Page 6-8. Components

Page 8-9. Instruments 

Page 4-6. Three main types of rising air

Page 9. Landing

Page 9-10. Conclusion

Page 11. Self Assessment 

  Introduction      

   We’ve come so far to be in the world where we stand today, our world is so technologically advanced that it would’ve only been a dream just a few decades before. As we look up into the blue sky, we can see the white smoke trails left behind as the giant metal birds rumble through the clouds. For many, the science behind this phenomenon is believed to be the direct result of powerful Engines that would provide excessive amounts of force to make such a giant metal bird take off the ground and into the sky. What if I told you this phenomenon is still possible but without the direct use of Engines, for starters, many would absolutely disagree with the idea of even thinking of that and it’s understandable because no one sees a hundred thousand pound object just floating around, but if we use the paper airplane concept, a metal plane flying without an engine is still possible. This concept was first started in 1853 by a British engineer going by the name of George Cayley, he is responsible for creating the world’s first successful glider and his innovation later inspired many more innovators like Otto Lilienthal of Germany and the Wright Brothers of the U.S.

What is a glider?

 For starters, a glider is a type of fixed-wing aircraft that is mainly supported by the dynamic reaction of the air acting against its long lifting surfaces and whose free flight does not depend on large engines that other fixed wings depend on. Although a glider does not need an engine to fly through the sky, it still needs a pulling force to get it into the air and that’s where usually the smaller engine aircraft come into play. Pictured below, you can see a small single-engine fixed-wing towing the glider off the runway into the sky. 

2

Another way of getting it airborne is by hoisting it like a kite on a long cable, the cable is pulled along behind a car at a high speed, when the glider is airborne the cable is released. It’s in the air, now what? For a glider to stay airborne, it must produce a sufficient amount of lift to balance its weight, the faster the glider moves through the sky the more lift it produces thus more time in the air. To stay airborne, pilots use a couple of methods to increase flight time with the help of mother nature. Rising air from the surface of the ground helps a glider with an increase in lift. 

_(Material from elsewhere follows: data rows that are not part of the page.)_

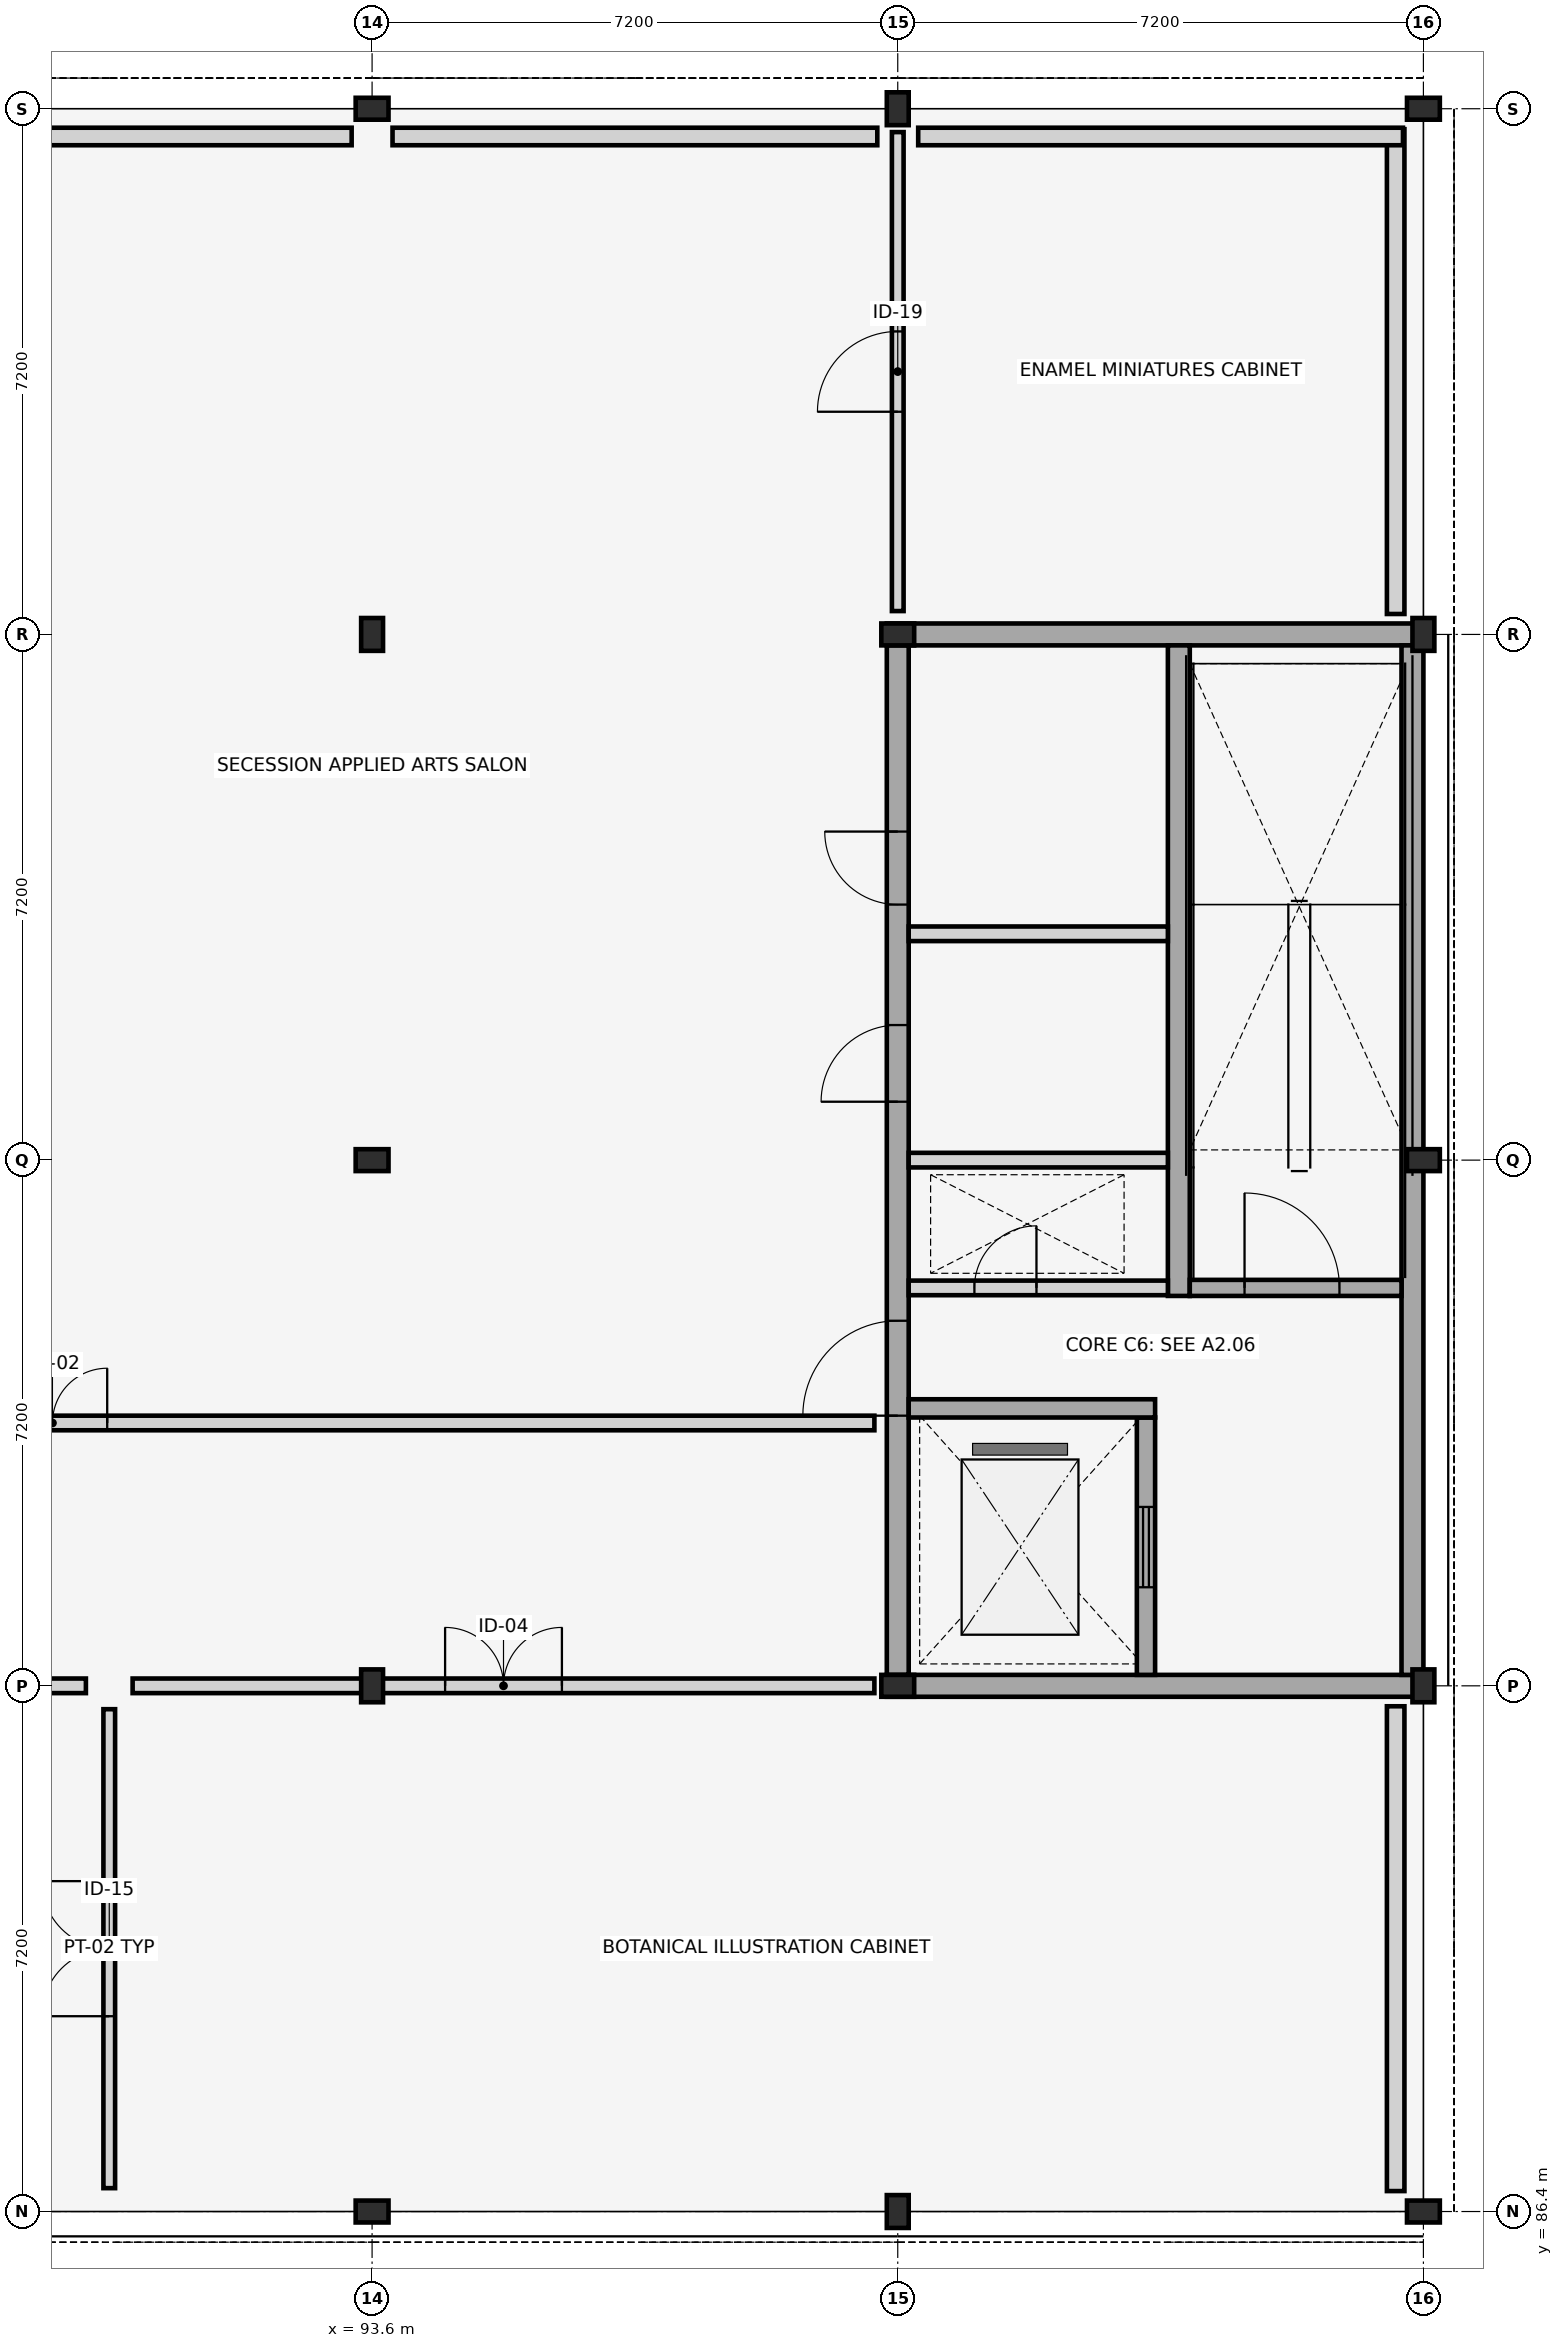
"""IFC4 building model, lengths in metres.
Left out: names, types, materials, properties, quantities, classifications, styles, units other than length and angle.
Written with IfcOpenShell. Run it as: python <this file> out.ifc"""

import sys

from ifc_helpers import new_model, si_unit, direction, frame, frame_2d, origin, origin_2d, place, context, subcontext, project, spatial, rectangle, i_section, extrude, element, fill, save


model = new_model("IFC4")
c1 = context("Model", 3, precision=1e-05, world=origin(), true_north=direction((0.0, 1.0)))
c2 = subcontext(c1, "Body", "Model", "MODEL_VIEW")
j1 = project(units=[si_unit("LENGTHUNIT", "METRE"), si_unit("PLANEANGLEUNIT", "RADIAN")], contexts=[c1])
p1 = place(None, origin())
s1 = spatial("IfcSite", under=j1, at=p1, CompositionType="ELEMENT")
p2 = place(p1, origin())
s2 = spatial("IfcBuilding", under=s1, at=p2, CompositionType="ELEMENT")
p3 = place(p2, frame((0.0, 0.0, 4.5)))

Three main types of rising air

The three main types of rising air used by glider pilots are Thermal, Ridge Lift, and wave lift. 

1. Thermals are columns of rising air produced by the heating of the Earth’s surface, the sun heats up the earth’s surface which in turn heats up the air above it, the warm air expands and becomes less dense than the surrounding air, thus making the lighter air rise. Asphalt parking lots and rocky terrains are great examples of places where thermal columns can be located.  Thermals can usually be identified by the presence of visible cumulus clouds which have flat bases with a cotton-like appearance. In the picture below, a good representation of how thermal columns work is shown.

3

2. Ridge lift is also another technique used by gliders to get more flying time in the air. Ridge lift is created when winds blow against mountains, ridges, or hills. When the air collides with the mountain it is redirected up and thus forms a band of lift along the windward side of the slope.

As you can see in the picture, the air hits the side of the mountain and is redirected up, the air then pushes up from under the wing and increases the flight time of the glider.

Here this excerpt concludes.